In deze zaak heeft de Rechtbank 's-Hertogenbosch op 26 november 2004 uitspraak gedaan over de intrekking en terugvordering van een subsidie die was verleend op basis van de Bijdrageregeling proefprojecten mestverwerking (BPM). De Europese Commissie had in een beschikking van 13 december 2000 vastgesteld dat de subsidie in strijd was met het gemeenschapsrecht en dat Nederland verplicht was om de onwettig verstrekte steun terug te vorderen. Eiseres, die subsidie had aangevraagd en ontvangen, maakte bezwaar tegen de intrekking van de subsidie en de terugvordering van het bedrag inclusief rente. De rechtbank oordeelde dat de Europese Commissie terecht had geconcludeerd dat de subsidie onrechtmatig was verleend en dat Nederland verplicht was om de steun terug te vorderen. Eiseres kon niet succesvol een beroep doen op het vertrouwensbeginsel, omdat de Europese Commissie geen bezwaar had gemaakt tegen de subsidie binnen de gestelde termijn. De rechtbank stelde vast dat verweerder niet kon worden verweten dat hij handelde in strijd met de communautaire regelgeving door de beschikking van de Europese Commissie uit te voeren. De rechtbank verklaarde het beroep van eiseres ongegrond en bevestigde de rechtmatigheid van de intrekking en terugvordering van de subsidie.

Uitspraak

RECHTBANK 'S-HERTOGENBOSCH
Meervoudige kamer voor bestuursrechtelijke zaken
UITSPRAAK
AWB 03/2581
Uitspraak van de rechtbank ingevolge de Algemene wet bestuursrecht (Awb) in het geschil tussen:
[eiseres], statutair zetelhoudend te Boxmeer, eiseres,
gemachtigde mr. [gemachtigde], werkzaam bij [werkgever] te Horsten,
en
de Minister van Landbouw, Natuur en Voedselkwaliteit, verweerder.
I. PROCESVERLOOP
Op 16 december 1994 heeft eiseres een aanvraag ingediend voor subsidie op grond van de Bijdrageregeling proefprojecten mestverwerking (hierna: de BPM). Bij besluit van 27 juli 1995 is de aanvraag toegewezen en is aan eiseres subsidie verleend ter grootte van fl. 278.250,-, zijnde 35% van het subsidiabele bedrag van fl. 795.000,-. Desgevraagd is bij brief van 2 december 1997 een voorschot beschikbaar gesteld van fl. 139.125,-. Bij besluit van 23 februari 1998 is een definitieve subsidie toegekend van fl. 278.250,-.
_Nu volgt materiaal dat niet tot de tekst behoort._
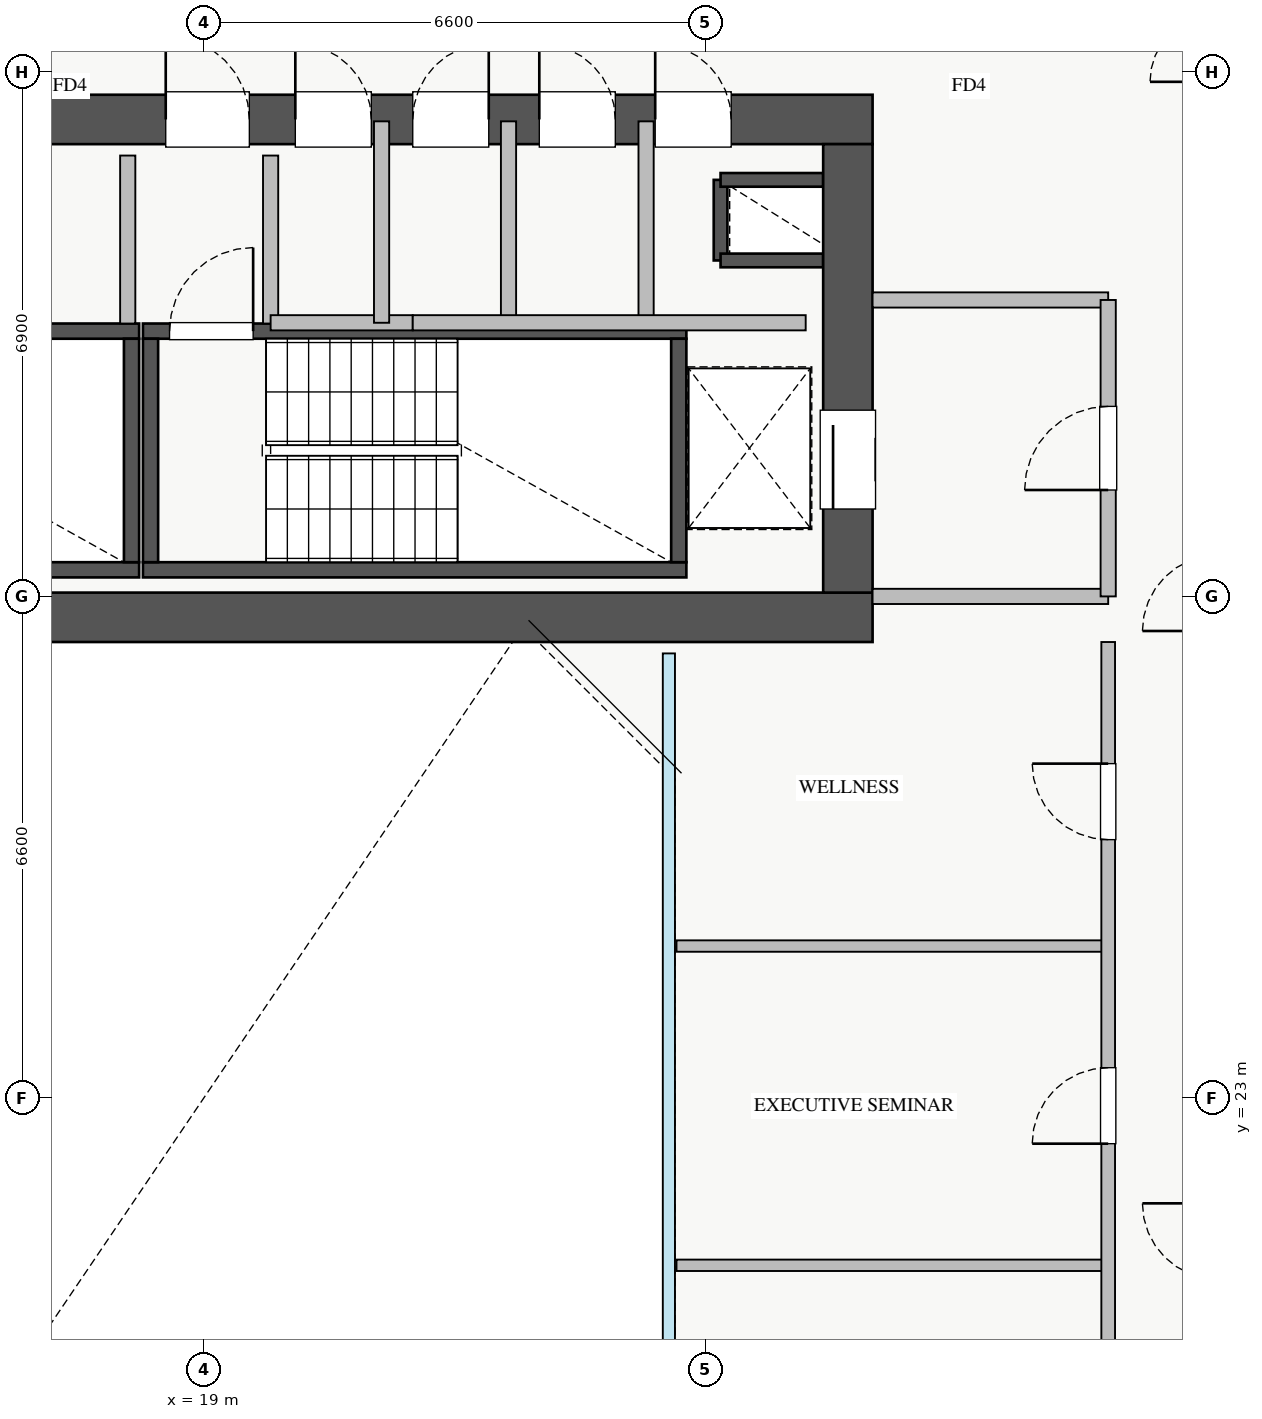
"""IFC4 building model, lengths in metres.
Left out: names, types, materials, properties, quantities, classifications, styles, units other than length and angle.
Written with IfcOpenShell. Run it as: python <this file> out.ifc"""

import sys

from ifc_helpers import new_model, si_unit, direction, frame, frame_2d, origin, place, context, subcontext, project, spatial, rectangle, extrude, source, transform, mapped, element, fill, save


model = new_model("IFC4")
c1 = context("Model", 3, precision=1e-05, world=origin(), true_north=direction((0.0, 1.0)))
c2 = subcontext(c1, "Body", "Model", "MODEL_VIEW")
j1 = project(units=[si_unit("LENGTHUNIT", "METRE"), si_unit("PLANEANGLEUNIT", "RADIAN")], contexts=[c1])
p1 = place(None, origin())
s1 = spatial("IfcSite", under=j1, at=p1, CompositionType="ELEMENT")
p2 = place(p1, origin())
s2 = spatial("IfcBuilding", under=s1, at=p2, CompositionType="ELEMENT")
p3 = place(p2, frame((0.0, 0.0, 182.75)))
s3 = spatial("IfcBuildingStorey", under=s2, at=p3, CompositionType="ELEMENT", Elevation=182.75)
p4 = place(p3, frame((25.8, 34.02, 0.0), z_axis=(0.0, 0.0, 1.0), x_axis=(0.0, 1.0, 0.0)))
e1 = element("IfcWall", 1, at=p4, inside=s3, PredefinedType="SHEAR", context=c2, shape_type="SweptSolid", body=[
    extrude(rectangle(XDim=1.06, YDim=0.18, at=frame_2d((0.53, 0.0))), origin(), (0.0, 0.0, 1.0), 3.03),
])
for number, where, z_axis, x_axis in (
    (2, (25.8, 35.08, 0.0), (0.0, 0.0, 1.0), (1.0, 0.0, 0.0)),
    (3, (25.8, 34.02, 0.0), (0.0, 0.0, 1.0), (1.0, 0.0, 0.0)),
):
    element("IfcWall", number, at=place(p3, frame(where, z_axis=z_axis, x_axis=x_axis)), inside=s3, PredefinedType="SHEAR", context=c2, shape_type="SweptSolid", body=[
        extrude(rectangle(XDim=1.35, YDim=0.18, at=frame_2d((0.675, 0.0))), origin(), (0.0, 0.0, 1.0), 3.03),
    ])
p5 = place(p3, frame((10.85, 29.95, 0.0), z_axis=(0.0, 0.0, 1.0), x_axis=(1.0, 0.0, 0.0)))
e4 = element("IfcWall", 4, at=p5, inside=s3, PredefinedType="SHEAR", context=c2, shape_type="SweptSolid", body=[
    extrude(rectangle(XDim=7.3, YDim=0.2, at=frame_2d((3.65, 0.0))), origin(), (0.0, 0.0, 1.0), 3.25),
])
p6 = place(p3, frame((10.85, 33.09, 0.0), z_axis=(0.0, 0.0, 1.0), x_axis=(1.0, 0.0, 0.0)))
e5 = element("IfcWall", 5, at=p6, inside=s3, PredefinedType="SHEAR", context=c2, shape_type="SweptSolid", body=[
    extrude(rectangle(XDim=7.3, YDim=0.2, at=frame_2d((3.65, 0.0))), origin(), (0.0, 0.0, 1.0), 3.25),
])
p7 = place(p6, frame((0.35, 0.0, 0.0)))
e6 = element("IfcOpeningElement", 6, at=p7, cuts=e5, PredefinedType="OPENING", context=c2, shape_type="SweptSolid", body=[
    extrude(rectangle(XDim=1.1, YDim=2.05, at=frame_2d((0.55, 1.025))), frame((0.0, 0.11, 0.0), z_axis=(0.0, -1.0, 0.0), x_axis=(1.0, 0.0, 0.0)), (0.0, 0.0, 1.0), 0.22),
])
p8 = place(p3, frame((18.05, 30.05, 0.0), z_axis=(0.0, 0.0, 1.0), x_axis=(0.0, 1.0, 0.0)))
e7 = element("IfcWall", 7, at=p8, inside=s3, PredefinedType="SHEAR", context=c2, shape_type="SweptSolid", body=[
    extrude(rectangle(XDim=2.94, YDim=0.2, at=frame_2d((1.47, 0.0))), origin(), (0.0, 0.0, 1.0), 3.25),
])
p9 = place(p3, frame((18.2, 29.95, 0.0), z_axis=(0.0, 0.0, 1.0), x_axis=(1.0, 0.0, 0.0)))
e8 = element("IfcWall", 8, at=p9, inside=s3, PredefinedType="SHEAR", context=c2, shape_type="SweptSolid", body=[
    extrude(rectangle(XDim=7.15, YDim=0.2, at=frame_2d((3.575, 0.0))), origin(), (0.0, 0.0, 1.0), 3.25),
])
p10 = place(p3, frame((18.2, 33.09, 0.0), z_axis=(0.0, 0.0, 1.0), x_axis=(1.0, 0.0, 0.0)))
e9 = element("IfcWall", 9, at=p10, inside=s3, PredefinedType="SHEAR", context=c2, shape_type="SweptSolid", body=[
    extrude(rectangle(XDim=7.15, YDim=0.2, at=frame_2d((3.575, 0.0))), origin(), (0.0, 0.0, 1.0), 3.25),
])
p11 = place(p10, frame((0.35, 0.0, 0.0)))
e10 = element("IfcOpeningElement", 10, at=p11, cuts=e9, PredefinedType="OPENING", context=c2, shape_type="SweptSolid", body=[
    extrude(rectangle(XDim=1.1, YDim=2.05, at=frame_2d((0.55, 1.025))), frame((0.0, 0.11, 0.0), z_axis=(0.0, -1.0, 0.0), x_axis=(1.0, 0.0, 0.0)), (0.0, 0.0, 1.0), 0.22),
])
for number, where, z_axis, x_axis in (
    (11, (18.3, 30.05, 0.0), (0.0, 0.0, 1.0), (0.0, 1.0, 0.0)),
    (12, (25.25, 30.05, 0.0), (0.0, 0.0, 1.0), (0.0, 1.0, 0.0)),
):
    element("IfcWall", number, at=place(p3, frame(where, z_axis=z_axis, x_axis=x_axis)), inside=s3, PredefinedType="SHEAR", context=c2, shape_type="SweptSolid", body=[
        extrude(rectangle(XDim=2.94, YDim=0.2, at=frame_2d((1.47, 0.0))), origin(), (0.0, 0.0, 1.0), 3.25),
    ])
p12 = place(p3, frame((10.2, 29.325, 0.0), z_axis=(0.0, 0.0, 1.0), x_axis=(1.0, 0.0, 0.0)))
e13 = element("IfcWall", 13, at=p12, inside=s3, PredefinedType="SHEAR", context=c2, shape_type="SweptSolid", body=[
    extrude(rectangle(XDim=17.6, YDim=0.65, at=frame_2d((8.8, 0.0))), origin(), (0.0, 0.0, 1.0), 3.25),
])
p13 = place(p3, frame((10.2, 35.875, 0.0), z_axis=(0.0, 0.0, 1.0), x_axis=(1.0, 0.0, 0.0)))
e14 = element("IfcWall", 14, at=p13, inside=s3, PredefinedType="SHEAR", context=c2, shape_type="SweptSolid", body=[
    extrude(rectangle(XDim=17.6, YDim=0.65, at=frame_2d((8.8, 0.0))), origin(), (0.0, 0.0, 1.0), 3.25),
])
p14 = place(p13, frame((1.15, 0.0, 0.0)))
e15 = element("IfcOpeningElement", 15, at=p14, cuts=e14, PredefinedType="OPENING", context=c2, shape_type="SweptSolid", body=[
    extrude(rectangle(XDim=1.1, YDim=2.05, at=frame_2d((0.55, 1.025))), frame((0.0, 0.335, 0.0), z_axis=(0.0, -1.0, 0.0), x_axis=(1.0, 0.0, 0.0)), (0.0, 0.0, 1.0), 0.67),
])
p15 = place(p13, frame((8.3, 0.0, 0.0)))
e16 = element("IfcOpeningElement", 16, at=p15, cuts=e14, PredefinedType="OPENING", context=c2, shape_type="SweptSolid", body=[
    extrude(rectangle(XDim=1.1, YDim=2.05, at=frame_2d((0.55, 1.025))), frame((0.0, 0.335, 0.0), z_axis=(0.0, -1.0, 0.0), x_axis=(1.0, 0.0, 0.0)), (0.0, 0.0, 1.0), 0.67),
])
p16 = place(p13, frame((4.9, 0.0, 0.0)))
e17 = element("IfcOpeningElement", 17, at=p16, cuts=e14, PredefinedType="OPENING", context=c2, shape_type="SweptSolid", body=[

Bij besluit van 3 augustus 2001 heeft verweerder het besluit van 23 februari 1998 ingetrokken en het bedrag van de vastgestelde subsidie vermeerderd met de toepasselijke referentierente ten bedrage van fl. 56.496,63 (? 25.637,17), zijnde in totaal een bedrag van fl. 334.746,63 ofwel ? 151.902,09, teruggevorderd.
Tegen dit besluit heeft eiseres bij brief van 12 september 2001 bezwaar gemaakt bij verweerder, naar aanleiding waarvan op 8 oktober 2001 een hoorzitting heeft plaatsgevonden.
Bij besluit van 6 augustus 2003 heeft verweerder het bezwaar van eiseres ongegrond verklaard.
Tegen dit besluit heeft eiseres bij brief van 16 september 2003, ontvangen ter griffie op diezelfde datum, beroep ingesteld bij de rechtbank. De gronden van beroep zijn bij brief van 14 oktober 2003 aangevuld. Op 10 november 2003 heeft verweerder een verweerschrift ingediend.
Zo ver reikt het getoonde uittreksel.